Another problematic lie from the Core camp is the claim that there was a risk of a chain fork due to miners engaging in spy or SPV mining. This false claim is being spread by Blockstream CEO Adam Back, among with other ridiculous claims such as pools not actually running Bitcoin Unlimited.
The truth is that most pools either spy mine (listen directly on the other pools using Stratum), or do headers only mining (some people call this by the incorrect term "spv mining") that only validates headers before starting mining. Even Core/Segwit supporting pools like BTCC (Samson Mow) and Bitclub Network (run by Core supporter James Hilliard) engage in this practice, simply because the reward is greater than the risk.
When Bitcoin.com's excessive block was broadcasted, most of the other pools started mining on top of it for a little while. Here is our log:
- 06:58:48 Bitcoin.com mines an excessive block at height 450529
06:58:49 ViaBTC starts mining a block at height 450530
06:58:49 BTC.TOP starts mining a block at height 450530
06:58:49 BTC.com starts mining a block at height 450530
06:58:49 HaoBTC starts mining a block at height 450530
06:58:49 BTCC starts mining a block at height 450530
06:58:49 F2pool starts mining a block at height 450530
06:58:50 BTCC starts mining a block at height 450529
06:59:03 ViaBTC starts mining a block at height 450529
06:59:20 BTC.TOP starts mining a block at height 450529
06:59:30 F2pool starts mining a block at height 450529
06:59:50 HaoBTC starts mining a block at height 450529
07:20:19 Bitclub Network finds a 998.2kb block at height 450529
Imagine that all mining pools are doing spy mining and waits 30 seconds for a timeout. With an average block time of 10 minutes, it's a 5% chance of finding an empty block that would get orphaned, but the risk of this happening twice in a row is 0.25%, and three times 0.0125% and so on. The conclusion is that Adam Back's claim is not only wrong, it's fear mongering and a part of the Core camp's ongoing crusade against mining pools in general, and anything SPV related in particular. In this case, there were no risk of causing a BIP66-like fork.

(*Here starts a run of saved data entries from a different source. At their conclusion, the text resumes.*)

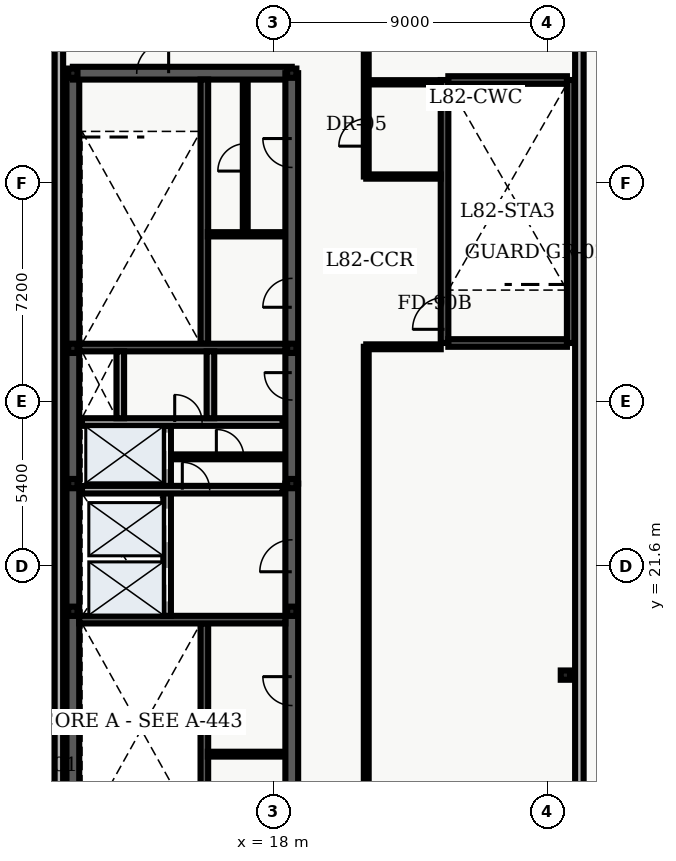
"""IFC4 building model, lengths in metres.
Left out: names, types, materials, properties, quantities, classifications, styles, units other than length and angle.
Written with IfcOpenShell. Run it as: python <this file> out.ifc"""

import sys

from ifc_helpers import new_model, entity, si_unit, converted_unit, direction, frame, origin_with_axes, origin_2d_with_axis, place, context, subcontext, project, spatial, polyline, rectangle, hollow_rectangle, outline, extrude, element, fill, save


model = new_model("IFC4")
c1 = context("Model", 3, precision=1e-05, world=origin_with_axes(), true_north=direction((0.0, 1.0)))
c2 = subcontext(c1, "Body", "Model", "MODEL_VIEW")
j1 = project(units=[si_unit("LENGTHUNIT", "METRE"), converted_unit("PLANEANGLEUNIT", "DEGREE", entity("IfcPlaneAngleMeasure", 0.017), si_unit("PLANEANGLEUNIT", "RADIAN"), dimensions=[0, 0, 0, 0, 0, 0, 0])], contexts=[c1])
p1 = place(None, origin_with_axes())
s1 = spatial("IfcSite", under=j1, at=p1, CompositionType="ELEMENT")
p2 = place(p1, origin_with_axes())
s2 = spatial("IfcBuilding", under=s1, at=p2, CompositionType="ELEMENT")
p3 = place(p2, frame((0.0, 0.0, 332.1), z_axis=(0.0, 0.0, 1.0), x_axis=(1.0, 0.0, 0.0)))
s3 = spatial("IfcBuildingStorey", under=s2, at=p3, CompositionType="ELEMENT", Elevation=332.1)
p4 = place(p3, frame((11.4, 10.8, 0.0), z_axis=(0.0, 0.0, 1.0), x_axis=(0.0, 1.0, 0.0)))
e1 = element("IfcWall", 1, at=p4, inside=s3, PredefinedType="SHEAR", context=c2, shape_type="SweptSolid", body=[
    extrude(outline(polyline([(0.0, -0.21), (27.0, -0.21), (27.0, 0.21), (0.0, 0.21), (0.0, -0.21)])), origin_with_axes(), (0.0, 0.0, 1.0), 3.64),
])
p5 = place(p3, frame((11.4, 37.8, 0.0), z_axis=(0.0, 0.0, 1.0), x_axis=(1.0, 0.0, 0.0)))
e2 = element("IfcWall", 2, at=p5, inside=s3, PredefinedType="SHEAR", context=c2, shape_type="SweptSolid", body=[
    extrude(outline(polyline([(0.0, -0.21), (7.2, -0.21), (7.2, 0.21), (0.0, 0.21), (0.0, -0.21)])), origin_with_axes(), (0.0, 0.0, 1.0), 3.64),
])
p6 = place(p5, frame((2.625, 0.0, 0.0), z_axis=(0.0, 0.0, 1.0), x_axis=(1.0, 0.0, 0.0)))
e3 = element("IfcOpeningElement", 3, at=p6, cuts=e2, PredefinedType="OPENING", context=c2, shape_type="SweptSolid", body=[
    extrude(rectangle(XDim=1.05, YDim=0.44, at=origin_2d_with_axis()), origin_with_axes(), (0.0, 0.0, 1.0), 2.15),
])
p7 = place(p3, frame((18.6, 10.8, 0.0), z_axis=(0.0, 0.0, 1.0), x_axis=(0.0, 1.0, 0.0)))
e4 = element("IfcWall", 4, at=p7, inside=s3, PredefinedType="SHEAR", context=c2, shape_type="SweptSolid", body=[
    extrude(outline(polyline([(0.0, -0.21), (13.5, -0.21), (13.5, 0.21), (0.0, 0.21), (0.0, -0.21)])), origin_with_axes(), (0.0, 0.0, 1.0), 3.64),
])
p8 = place(p7, frame((11.125, 0.0, 0.0), z_axis=(0.0, 0.0, 1.0), x_axis=(1.0, 0.0, 0.0)))
e5 = element("IfcOpeningElement", 5, at=p8, cuts=e4, PredefinedType="OPENING", context=c2, shape_type="SweptSolid", body=[
    extrude(rectangle(XDim=1.05, YDim=0.44, at=origin_2d_with_axis()), origin_with_axes(), (0.0, 0.0, 1.0), 2.15),
])
p9 = place(p7, frame((2.375, 0.0, 0.0), z_axis=(0.0, 0.0, 1.0), x_axis=(1.0, 0.0, 0.0)))
e6 = element("IfcOpeningElement", 6, at=p9, cuts=e4, PredefinedType="OPENING", context=c2, shape_type="SweptSolid", body=[
    extrude(rectangle(XDim=0.95, YDim=0.44, at=origin_2d_with_axis()), origin_with_axes(), (0.0, 0.0, 1.0), 2.15),
])
p10 = place(p7, frame((6.675, 0.0, 0.0), z_axis=(0.0, 0.0, 1.0), x_axis=(1.0, 0.0, 0.0)))
e7 = element("IfcOpeningElement", 7, at=p10, cuts=e4, PredefinedType="OPENING", context=c2, shape_type="SweptSolid", body=[
    extrude(rectangle(XDim=0.95, YDim=0.44, at=origin_2d_with_axis()), origin_with_axes(), (0.0, 0.0, 1.0), 2.15),
])
p11 = place(p3, frame((18.6, 24.3, 0.0), z_axis=(0.0, 0.0, 1.0), x_axis=(0.0, 1.0, 0.0)))
e8 = element("IfcWall", 8, at=p11, inside=s3, PredefinedType="SHEAR", context=c2, shape_type="SweptSolid", body=[
    extrude(outline(polyline([(0.0, -0.21), (13.5, -0.21), (13.5, 0.21), (0.0, 0.21), (0.0, -0.21)])), origin_with_axes(), (0.0, 0.0, 1.0), 3.64),
])
p12 = place(p11, frame((3.2, 0.0, 0.0), z_axis=(0.0, 0.0, 1.0), x_axis=(1.0, 0.0, 0.0)))
e9 = element("IfcOpeningElement", 9, at=p12, cuts=e8, PredefinedType="OPENING", context=c2, shape_type="SweptSolid", body=[
    extrude(rectangle(XDim=0.9, YDim=0.44, at=origin_2d_with_axis()), origin_with_axes(), (0.0, 0.0, 1.0), 2.15),
])
p13 = place(p11, frame((6.275, 0.0, 0.0), z_axis=(0.0, 0.0, 1.0), x_axis=(1.0, 0.0, 0.0)))
e10 = element("IfcOpeningElement", 10, at=p13, cuts=e8, PredefinedType="OPENING", context=c2, shape_type="SweptSolid", body=[
    extrude(rectangle(XDim=0.95, YDim=0.44, at=origin_2d_with_axis()), origin_with_axes(), (0.0, 0.0, 1.0), 2.15),
])
p14 = place(p11, frame((10.875, 0.0, 0.0), z_axis=(0.0, 0.0, 1.0), x_axis=(1.0, 0.0, 0.0)))
e11 = element("IfcOpeningElement", 11, at=p14, cuts=e8, PredefinedType="OPENING", context=c2, shape_type="SweptSolid", body=[
    extrude(rectangle(XDim=0.95, YDim=0.44, at=origin_2d_with_axis()), origin_with_axes(), (0.0, 0.0, 1.0), 2.15),
])
p15 = place(p3, frame((15.725, 11.01, 0.0), z_axis=(0.0, 0.0, 1.0), x_axis=(0.0, 1.0, 0.0)))
e12 = element("IfcWall", 12, at=p15, inside=s3, PredefinedType="SHEAR", context=c2, shape_type="SweptSolid", body=[
    extrude(outline(polyline([(0.0, -0.125), (8.69, -0.125), (8.69, 0.125), (0.0, 0.125), (0.0, -0.125)])), origin_with_axes(), (0.0, 0.0, 1.0), 3.64),
])
p16 = place(p3, frame((11.61, 19.825, 0.0), z_axis=(0.0, 0.0, 1.0), x_axis=(1.0, 0.0, 0.0)))
e13 = element("IfcWall", 13, at=p16, inside=s3, PredefinedType="SHEAR", context=c2, shape_type="SweptSolid", body=[
    extrude(outline(polyline([(0.0, -0.125), (6.78, -0.125), (6.78, 0.125), (0.0, 0.125), (0.0, -0.125)])), origin_with_axes(), (0.0, 0.0, 1.0), 3.64),
])
p17 = place(p3, frame((15.725, 28.9, 0.0), z_axis=(0.0, 0.0, 1.0), x_axis=(0.0, 1.0, 0.0)))
e14 = element("IfcWall", 14, at=p17, inside=s3, PredefinedType="SHEAR", context=c2, shape_type="SweptSolid", body=[
    extrude(outline(polyline([(0.0, -0.125), (8.69, -0.125), (8.69, 0.125), (0.0, 0.125), (0.0, -0.125)])), origin_with_axes(), (0.0, 0.0, 1.0), 3.64),
])
p18 = place(p3, frame((11.61, 28.775, 0.0), z_axis=(0.0, 0.0, 1.0), x_axis=(1.0, 0.0, 0.0)))
e15 = element("IfcWall", 15, at=p18, inside=s3, PredefinedType="SHEAR", context=c2, shape_type="SweptSolid", body=[
    extrude(outline(polyline([(0.0, -0.125), (6.78, -0.125), (6.78, 0.125), (0.0, 0.125), (0.0, -0.125)])), origin_with_axes(), (0.0, 0.0, 1.0), 3.64),
])
p19 = place(p3, frame((14.5, 19.95, 0.0), z_axis=(0.0, 0.0, 1.0), x_axis=(0.0, 1.0, 0.0)))
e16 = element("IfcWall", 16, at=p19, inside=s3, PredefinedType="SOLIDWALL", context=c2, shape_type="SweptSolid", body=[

The best way to mitigate the risks for spy / headers only mining is to operate a good block relay network. Bitcoin.com is going to allow anyone to use their network as soon as it's available for public peering. Our network will carry all blocks in and out of China, and carry it to North America and Europe. We are currently working on a new compression technology called uthin blocks, allowing 99% compression and using UDP for maximum transfer speed. Another great way to mitigate the risks is to run Bitcoin Unlimited's xthin blocks with expedited forwarding. Xthin is very fast and will decrease the time your pool is mining without validating transactions.
This was a good learning experience for Bitcoin Unlimited, for Bitcoin.com and for the bitcoin community. It proves that the system worked, that invalid blocks can be mined and relayed without causing much trouble. It also proves that pools are taking responsibility and balancing the risks and rewards properly.